Çay, yağ, makyaj, çikolata lekeleri… Gün içinde fark etmeden üzerinize bulaşan lekeler artık kâbus olmaktan çıkıyor. Siemens iQ500 çamaşır makinesi ile stainRemoval teknolojisi devreye giriyor. Tek bir dokunuşla çay, yağ, kozmetik veya günlük hayatta karşılaştığınız diğer zor lekeler için özel programları aktif edebilirsiniz. 

Siemens Home Connect uygulaması sayesinde daha fazla leke türünü ve bunlar için geliştirilmiş özel programları keşfetmek de mümkün. Yani sadece “lekeyi çıkar” demekle kalmıyor, sizin için en doğru yıkama programını da otomatik olarak öneriyor. Böylece hem lekelerle uğraşmak zorunda kalmıyor hem de giysilerinizin ömrünü koruyorsunuz. 

Artık çocuğunuza yemek yedirirken dökülen yemek lekeleri, kahve kazaları ya da mutfakta sıçrayan yağ lekeleri sizi endişelendirmiyor. stainRemoval, günlük hayatın getirdiği küçük sürprizlere karşı en güvenilir yardımcınız oluyor. 

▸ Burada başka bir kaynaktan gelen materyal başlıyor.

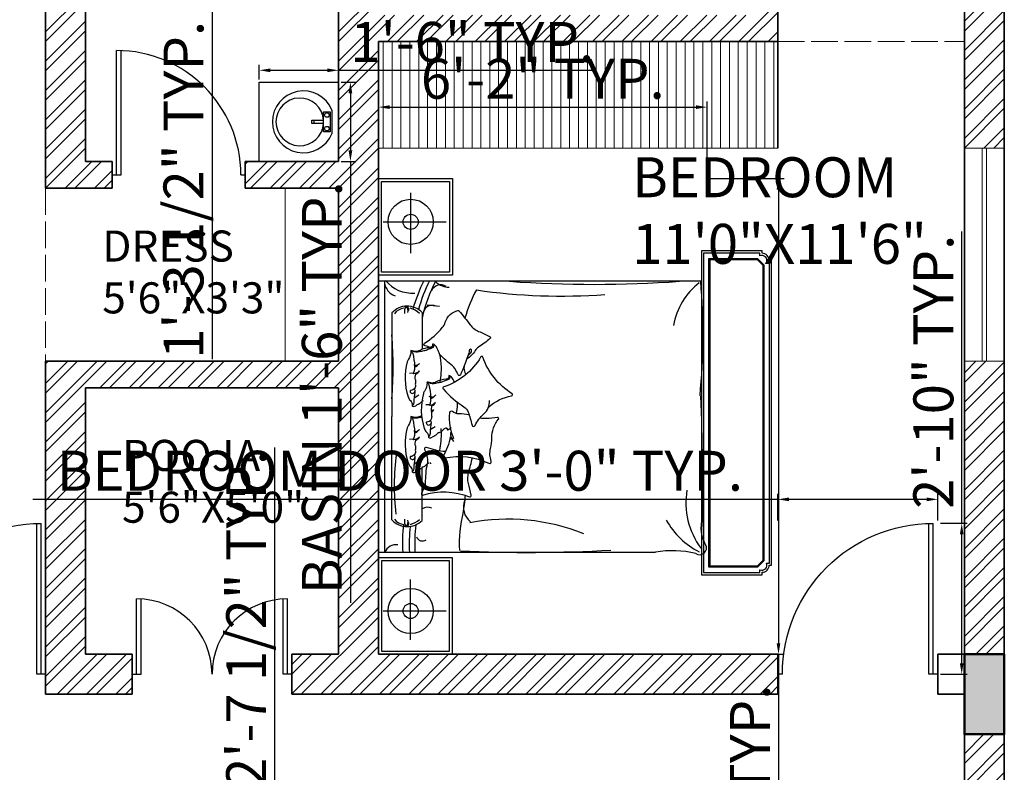
# Model space of a CAD drawing. Units: inches. Extents: x 4153 to 5577, y 785 to 1503.
# Tile 4 of 11: x 4480 to 4702, y 1217 to 1386. Entities that reach past the tile are written whole.
import ezdxf

# ---------------------------------------------------------------- set-up
doc = ezdxf.new("R2010")
doc.units = ezdxf.units.IN
doc.linetypes.add('ACAD_ISO02W100', pattern=[15, 12, -3])
for name, color, linetype, lineweight in [('A-ANNO-DIMS', 2, 'Continuous', 18), ('A-AREA-IDEN', 7, 'Continuous', 25), ('A-COLS', 7, 'Continuous', 50), ('A-DOOR', 3, 'Continuous', 25), ('A-FLOR-CASE', 32, 'Continuous', 18), ('A-FURN', 8, 'Continuous', 18), ('A-GLAZ', 4, 'Continuous', 18), ('A-WALL', 7, 'Continuous', 35), ('A-WALL-OVHD', 7, 'ACAD_ISO02W100', 18), ('Сантехника', 7, 'Continuous', 18)]:
    doc.layers.add(name, color=color, linetype=linetype, lineweight=lineweight)
doc.layers.add('A-FLOR-CASE-PATT', color=32, linetype='Continuous', lineweight=13, true_color=0xcd6928)
doc.layers.add('A-WALL-PATT', color=251, linetype='Continuous', lineweight=13, true_color=0x636466)
for name, color, linetype in [('FUR', 42, 'Continuous'), ('HA-FUR', 8, 'Continuous'), ('HA-P', 8, 'Continuous'), ('SAN', 5, 'Continuous'), ('SANTEH', 7, 'Continuous'), ('wood', 26, 'Continuous')]:
    doc.layers.add(name, color=color, linetype=linetype)
doc.styles.get("Standard").update_dxf_attribs({"font": 'arial.ttf'})
doc.dimstyles.new('ISO-25', dxfattribs={"dimtxt": 9, "dimasz": 2.5, "dimexe": 1.25, "dimexo": 0.625, "dimtad": 1, "dimlunit": 3, "dimtxsty": 'Standard', "dimcen": 2.5, "dimadec": 0, "dimazin": 0, "dimtfac": 1, "dimtmove": 0, "dimatfit": 3, "dimfxl": 1, "dimarcsym": 0})

# ---------------------------------------------------------------- blocks, each defined once
blk = doc.blocks.new('D1')
for p, q in [((1, 0), (1, 34)), ((2, 0), (2, 33.99)), ((0, 0), (2, 0)), ((35, 0), (36, 0))]:
    blk.add_line(p, q)
at = {"ltscale": 0.5}
blk.add_arc((1, 0), 34, 0, 90, dxfattribs=at)
blk = doc.blocks.new('D2')
for p, q in [((1, 0), (1, 28)), ((2, 0), (2, 27.98)), ((0, 0), (2, 0)), ((29, 0), (30, 0))]:
    blk.add_line(p, q)
at = {"ltscale": 0.5}
blk.add_arc((1, 0), 28, 0, 90, dxfattribs=at)
blk = doc.blocks.new('D3')
for p, q in [((1, 0), (1, 17)), ((2, 0), (2, 16.97)), ((34, 0), (34, 16.97)), ((35, 0), (35, 17)), ((0, 0), (2, 0)), ((36, 0), (34, 0))]:
    blk.add_line(p, q)
at = {"ltscale": 0.5}
for centre, start, end in [((1, 0), 0, 90), ((35, 0), 90, 180)]:
    blk.add_arc(centre, 17, start, end, dxfattribs=at)
blk = doc.blocks.new('A$C0A42580C')
at = {"layer": 'SAN'}
for p, q in [((0.2873, 0.0301), (0.2873, 0.4484)), ((2.8678, 0.0301), (2.8678, 0.4484)), ((0.0949, 0.2135), (0.4958, 0.2135)), ((3.0601, 0.2135), (2.6592, 0.2135))]:
    blk.add_line(p, q, dxfattribs=at)
for centre, radius in [((0.2873, 0.2135), 0.15), ((2.8678, 0.2135), 0.15), ((0.2873, 0.2135), 0.05), ((2.8678, 0.2135), 0.05)]:
    blk.add_circle(centre, radius, dxfattribs=at)
at = {"layer": 'wood'}
for p, q in [((0.6775, 0.8851), (0.6775, 2.1392)), ((2.4775, 0.8016), (2.4775, 1.838)), ((2.4775, 0), (2.4775, 0.8016)), ((1.5, 0.3423), (1.5016, 0.3142)), ((1.6633, 0.3438), (1.6434, 0.3761)), ((0.888, 0.289), (1.1327, 0.289)), ((1.4538, 0.2362), (1.434, 0.2685)), ((1.8919, 0.2362), (1.8721, 0.2685)), ((2.267, 0.289), (1.9163, 0.289)), ((1.2906, 0.2348), (1.2921, 0.2067)), ((1.7287, 0.2348), (1.7302, 0.2067)), ((0.8909, 0.089), (1.5775, 0.089)), ((2.2642, 0.089), (1.5775, 0.089)), ((0.6775, 0.039), (2.4775, 0.039)), ((0.6775, 0), (2.4775, 0))]:
    blk.add_line(p, q, dxfattribs=at)
blk.add_lwpolyline([(0.6775, 0), (0.6775, 0.8851)], dxfattribs=at)
for points in [[(1.516, 0.7294, -0.128392), (1.4401, 0.8834, 0.70791), (1.427, 0.8863, -0.16964), (1.1848, 0.6919, 0.664036), (1.184, 0.6776, -0.184649), (1.3819, 0.4332, 0.662242), (1.3969, 0.4309, 0.078539), (1.5137, 0.5669, -0.1736), (1.5484, 0.5947, -0.02159), (1.6357, 0.6205, 0.697276), (1.6379, 0.6405, -0.093019), (1.5606, 0.699, 0.216632), (1.4719, 0.7371, -2.511293)], [(1.6795, 0.4818, 0.263265), (1.7191, 0.4839, -0.026108), (1.743, 0.4973, 0.027613), (1.7137, 0.4764, -0.089259), (1.8403, 0.429, 0.662242), (1.8528, 0.4376, -0.162037), (1.8882, 0.732, 0.676499), (1.8733, 0.748, -0.160513), (1.7901, 0.7439, 0.07473), (1.7202, 0.7523, -0.187721), (1.5966, 0.7963, 0.70791), (1.5851, 0.7895, -0.010003), (1.5921, 0.7143, -0.07079), (1.5891, 0.6719, 0.099539)], [(1.1211, 0.3454, 0.032543), (1.1095, 0.3091, -0.658965), (1.0917, 0.3063, 0.074753), (0.9887, 0.4234, 0.100988), (0.953, 0.4429, -0.270711), (0.8753, 0.5273, -0.276825), (0.8775, 0.5337, -0.014937), (0.9701, 0.6081, 0.134834), (1.0135, 0.6643, -0.023706), (1.0474, 0.7372, -0.664036), (1.0616, 0.7394, -0.035987), (1.119, 0.6627, 0.118631), (1.1415, 0.6412, -0.132738), (1.1955, 0.5864)], [(1.1759, 0.5928, 0.013884), (1.1549, 0.6131, 0.174178), (1.1437, 0.6177, 0.104076), (1.1358, 0.6165, 0.389829), (1.1324, 0.6097, 0.296089), (1.1415, 0.6019, -0.036701), (1.1572, 0.5985, -0.040547), (1.3022, 0.543, -0.70791), (1.3021, 0.5296, -0.016811), (1.2631, 0.5085, 0.11866), (1.2414, 0.4904, -0.048791), (1.1649, 0.4055, 0.103757)], [(1.5674, 0.601, 0.057807), (1.5606, 0.5339, -0.173425), (1.5457, 0.49, 0.589988), (1.5538, 0.4706, 0.137312), (1.7236, 0.4985, 0.137312)], [(1.8113, 0.4446, -0.069098), (1.7831, 0.3187, 0.658965), (1.7961, 0.3062, -0.049789), (1.8516, 0.3234, -0.103757), (1.8905, 0.3233, 0.055725), (2.0203, 0.3103, -0.11866), (2.0478, 0.304, 0.016811), (2.0881, 0.2856, 0.70791), (2.0989, 0.2936, -0.16964), (2.1104, 0.604, 0.664036), (2.1001, 0.6139, 0.023706), (2.0214, 0.597, -0.134834), (1.9505, 0.5976, 0.012748), (1.8522, 0.6228)], [(1.3107, 0.4764, 0.145733), (1.3069, 0.4677, 0.488583), (1.3089, 0.4657, -0.012138), (1.3131, 0.4661, -0.125673), (1.3213, 0.4646, -0.750706)], [(1.3153, 0.4751, -0.274893), (1.3379, 0.4529, 0.051436), (1.3468, 0.4293, -0.086628), (1.3532, 0.4078, 0.040196), (1.3593, 0.3772, -0.184744), (1.3556, 0.3344, -2.554464)], [(1.317, 0.4683, -0.060098), (1.3283, 0.4571, -0.16247), (1.3313, 0.4487, 0.120018), (1.3493, 0.3815, -0.060072), (1.3541, 0.3695, -0.13107), (1.3541, 0.3395, -0.024415), (1.3534, 0.3373, 0.070398), (1.3503, 0.3233, 0.528689), (1.3524, 0.3216, -0.069388), (1.3557, 0.3222, -0.158233), (1.4075, 0.3065, 0.085461), (1.4255, 0.2981, 0.147196), (1.6571, 0.3041, 0.10985), (1.6823, 0.3191, -0.179095), (1.7126, 0.3319, -2.318897)], [(1.1013, 0.3688, 0.145733), (1.0975, 0.3601, 0.488583), (1.0995, 0.3581, -0.012138), (1.1036, 0.3585, -0.125673), (1.1119, 0.357, -0.750706)], [(1.1059, 0.3675, -0.274893), (1.1285, 0.3453, 0.051436), (1.1373, 0.3217, -0.086628), (1.1438, 0.3003, 0.040196), (1.1499, 0.2696, -0.184744), (1.1462, 0.2269, -2.554464)], [(1.1076, 0.3607, -0.060098), (1.1189, 0.3495, -0.16247), (1.1219, 0.3411, 0.120018), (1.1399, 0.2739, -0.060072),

Siemens iQ500 çamaşır ve kurutma makineleri, artık sadece kıyafetlerinizi temizleyen makineler değil; size zaman, konfor ve güven veren akıllı iş ortaklarınızdır. Ütüye harcadığınız vakti kendinize ayırın, lekelerle uğraşmayı unutun ve teknolojinin yaşam alanınıza uyumunun keyfini yaşayın.

*Bu yazı Siemens’in katkılarıyla hazırlanmıştır.